Il existe pourtant un modèle pour atteindre les mêmes objectifs de mobilité, de disponibilité presque immédiate du résultat tout en conservant qualité et sécurité pour le patient qui est en cours d'élaboration par le Groupe de Travail Objets Connectés de la SFIL (Société française d'Informatique de Laboratoire) présenté lors du congrès de Chambéry les 9 et 10 mars 2017. Le groupe de travail prône l'utilisation des objets connectés au domicile du patient mais sous contrôle des LBM, avec des objets qui sont vérifiés, voir étalonnés par les laboratoires de biologie médicale et dont les résultats font l'objet d'une validation biologique conformément à la loi. Ce modèle permet de tendre vers le même niveau d'économie pour le parcours de soins tout en assurant qualité et sécurité pour le patient.

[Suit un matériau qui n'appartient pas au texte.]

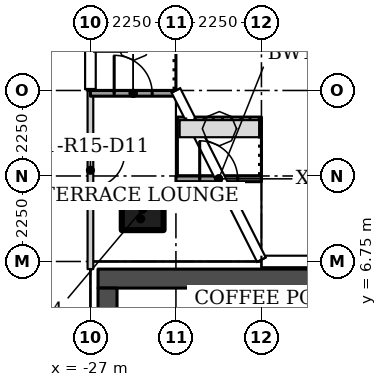
"""IFC4 building model, lengths in metres.
Left out: names, types, materials, properties, quantities, classifications, styles, units other than length and angle.
Written with IfcOpenShell. Run it as: python <this file> out.ifc"""

import sys

from ifc_helpers import new_model, si_unit, direction, frame, frame_2d, origin, origin_2d, place, context, subcontext, project, spatial, rectangle, hollow_rectangle, extrude, element, fill, save


model = new_model("IFC4")
c1 = context("Model", 3, precision=1e-05, world=origin(), true_north=direction((0.0, 1.0)))
c2 = subcontext(c1, "Body", "Model", "MODEL_VIEW")
j1 = project(units=[si_unit("LENGTHUNIT", "METRE"), si_unit("PLANEANGLEUNIT", "RADIAN")], contexts=[c1])
p1 = place(None, origin())
s1 = spatial("IfcSite", under=j1, at=p1, CompositionType="ELEMENT")
p2 = place(p1, origin())
s2 = spatial("IfcBuilding", under=s1, at=p2, CompositionType="ELEMENT")
p3 = place(p2, frame((0.0, 0.0, 142.8)))
s3 = spatial("IfcBuildingStorey", under=s2, at=p3, CompositionType="ELEMENT", Elevation=142.8)
p4 = place(p3, frame((-25.625, 8.125, 0.0)))
e1 = element("IfcColumn", 1, at=p4, inside=s3, PredefinedType="COLUMN", context=c2, shape_type="SweptSolid", body=[
    extrude(hollow_rectangle(XDim=1.1, YDim=1.1, WallThickness=0.04, at=origin_2d()), origin(), (0.0, 0.0, 1.0), 3.55),
])
p5 = place(p3, frame((-27.0, 11.25, 0.0), z_axis=(0.0, 0.0, 1.0), x_axis=(0.0, -1.0, 0.0)))
e2 = element("IfcWall", 2, at=p5, inside=s3, PredefinedType="PARTITIONING", context=c2, shape_type="SweptSolid", body=[
    extrude(rectangle(XDim=4.7, YDim=0.15, at=frame_2d((2.35, 0.0))), origin(), (0.0, 0.0, 1.0), 3.55),
])
p6 = place(p5, frame((1.65, 0.0, 0.0)))
e3 = element("IfcOpeningElement", 3, at=p6, cuts=e2, PredefinedType="OPENING", context=c2, shape_type="SweptSolid", body=[
    extrude(rectangle(XDim=0.9, YDim=2.1, at=frame_2d((0.45, 1.05))), frame((0.0, 0.085, 0.0), z_axis=(0.0, -1.0, 0.0), x_axis=(1.0, 0.0, 0.0)), (0.0, 0.0, 1.0), 0.17),
])
p7 = place(p3, frame((-24.75, 8.925, 0.0)))
e4 = element("IfcWall", 4, at=p7, inside=s3, PredefinedType="SOLIDWALL", context=c2, shape_type="SweptSolid", body=[
    extrude(rectangle(XDim=2.25, YDim=0.15, at=frame_2d((1.125, 0.0))), origin(), (0.0, 0.0, 1.0), 3.45),
])
p8 = place(p7, frame((0.625, 0.0, 0.0)))
e5 = element("IfcOpeningElement", 5, at=p8, cuts=e4, PredefinedType="OPENING", context=c2, shape_type="SweptSolid", body=[
    extrude(rectangle(XDim=1.0, YDim=2.4, at=frame_2d((0.5, 1.2))), frame((0.0, 0.085, 0.0), z_axis=(0.0, -1.0, 0.0), x_axis=(1.0, 0.0, 0.0)), (0.0, 0.0, 1.0), 0.17),
])
p9 = place(p3, frame((-27.0, 11.175, 0.0)))
e6 = element("IfcWall", 6, at=p9, inside=s3, PredefinedType="SOLIDWALL", context=c2, shape_type="SweptSolid", body=[
    extrude(rectangle(XDim=2.25, YDim=0.15, at=frame_2d((1.125, 0.0))), origin(), (0.0, 0.0, 1.0), 3.45),
])
p10 = place(p9, frame((0.625, 0.0, 0.0)))
e7 = element("IfcOpeningElement", 7, at=p10, cuts=e6, PredefinedType="OPENING", context=c2, shape_type="SweptSolid", body=[
    extrude(rectangle(XDim=1.0, YDim=2.4, at=frame_2d((0.5, 1.2))), frame((0.0, 0.085, 0.0), z_axis=(0.0, -1.0, 0.0), x_axis=(1.0, 0.0, 0.0)), (0.0, 0.0, 1.0), 0.17),
])
p11 = place(p3, frame((-26.8, 6.3, 0.0)))
e8 = element("IfcWall", 8, at=p11, inside=s3, PredefinedType="SHEAR", context=c2, shape_type="SweptSolid", body=[
    extrude(rectangle(XDim=13.1, YDim=0.5, at=frame_2d((6.55, 0.0))), origin(), (0.0, 0.0, 1.0), 3.55),
])
p12 = place(p3, frame((-26.55, 6.05, 0.0), z_axis=(0.0, 0.0, 1.0), x_axis=(0.0, -1.0, 0.0)))
e9 = element("IfcWall", 9, at=p12, inside=s3, PredefinedType="SHEAR", context=c2, shape_type="SweptSolid", body=[
    extrude(rectangle(XDim=12.1, YDim=0.5, at=frame_2d((6.05, 0.0))), origin(), (0.0, 0.0, 1.0), 3.55),
])
p13 = place(p12, frame((3.9, 0.0, 0.0)))
e10 = element("IfcOpeningElement", 10, at=p13, cuts=e9, PredefinedType="OPENING", context=c2, shape_type="SweptSolid", body=[
    extrude(rectangle(XDim=1.8, YDim=2.4, at=frame_2d((0.9, 1.2))), frame((0.0, 0.26, 0.0), z_axis=(0.0, -1.0, 0.0), x_axis=(1.0, 0.0, 0.0)), (0.0, 0.0, 1.0), 0.52),
])
p14 = place(p3, frame((-24.0, 3.25, 0.0), z_axis=(0.0, 0.0, 1.0), x_axis=(0.0, 1.0, 0.0)))
e11 = element("IfcWall", 11, at=p14, inside=s3, PredefinedType="PARTITIONING", context=c2, shape_type="SweptSolid", body=[
    extrude(rectangle(XDim=2.8, YDim=0.15, at=frame_2d((1.4, 0.0))), origin(), (0.0, 0.0, 1.0), 3.55),
])
p15 = place(p6, origin())
e12 = element("IfcDoor", 12, at=p15, inside=s3, OperationType="SINGLE_SWING_RIGHT", PredefinedType="DOOR", context=c2, shape_type="SweptSolid", body=[
    extrude(rectangle(XDim=0.9, YDim=2.1, at=frame_2d((0.45, 1.05))), frame((0.0, 0.025, 0.0), z_axis=(0.0, -1.0, 0.0), x_axis=(1.0, 0.0, 0.0)), (0.0, 0.0, 1.0), 0.05),
])
fill(e3, e12)
p16 = place(p8, origin())
e13 = element("IfcDoor", 13, at=p16, inside=s3, OperationType="SINGLE_SWING_RIGHT", PredefinedType="DOOR", context=c2, shape_type="SweptSolid", body=[
    extrude(rectangle(XDim=1.0, YDim=2.4, at=frame_2d((0.5, 1.2))), frame((0.0, 0.025, 0.0), z_axis=(0.0, -1.0, 0.0), x_axis=(1.0, 0.0, 0.0)), (0.0, 0.0, 1.0), 0.05),
])
fill(e5, e13)
p17 = place(p10, origin())
e14 = element("IfcDoor", 14, at=p17, inside=s3, OperationType="SINGLE_SWING_LEFT", PredefinedType="DOOR", context=c2, shape_type="SweptSolid", body=[
    extrude(rectangle(XDim=1.0, YDim=2.4, at=frame_2d((0.5, 1.2))), frame((0.0, 0.025, 0.0), z_axis=(0.0, -1.0, 0.0), x_axis=(1.0, 0.0, 0.0)), (0.0, 0.0, 1.0), 0.05),
])
fill(e7, e14)
save(model, sys.argv[1])

Il est temps de donner un coups d'arrêt définitif à tous les objets connectés dont le seul ROI est de s'affranchir de l'expertise médicale. Les objets connectés de santé, qu'ils soient des DM ou des DMDIV peuvent apporter un retour sur investissement en termes de parcours de soins, de quasi instantanéité de production et de transmission des résultats, de prix, tout en restant sous contrôle des responsables humains, experts de leur métier, que l'on appelle des biologistes médicaux, garant de la précision et de la justesse des résultats biologiques à la base de la prise de décisions thérapeutiques lourdes.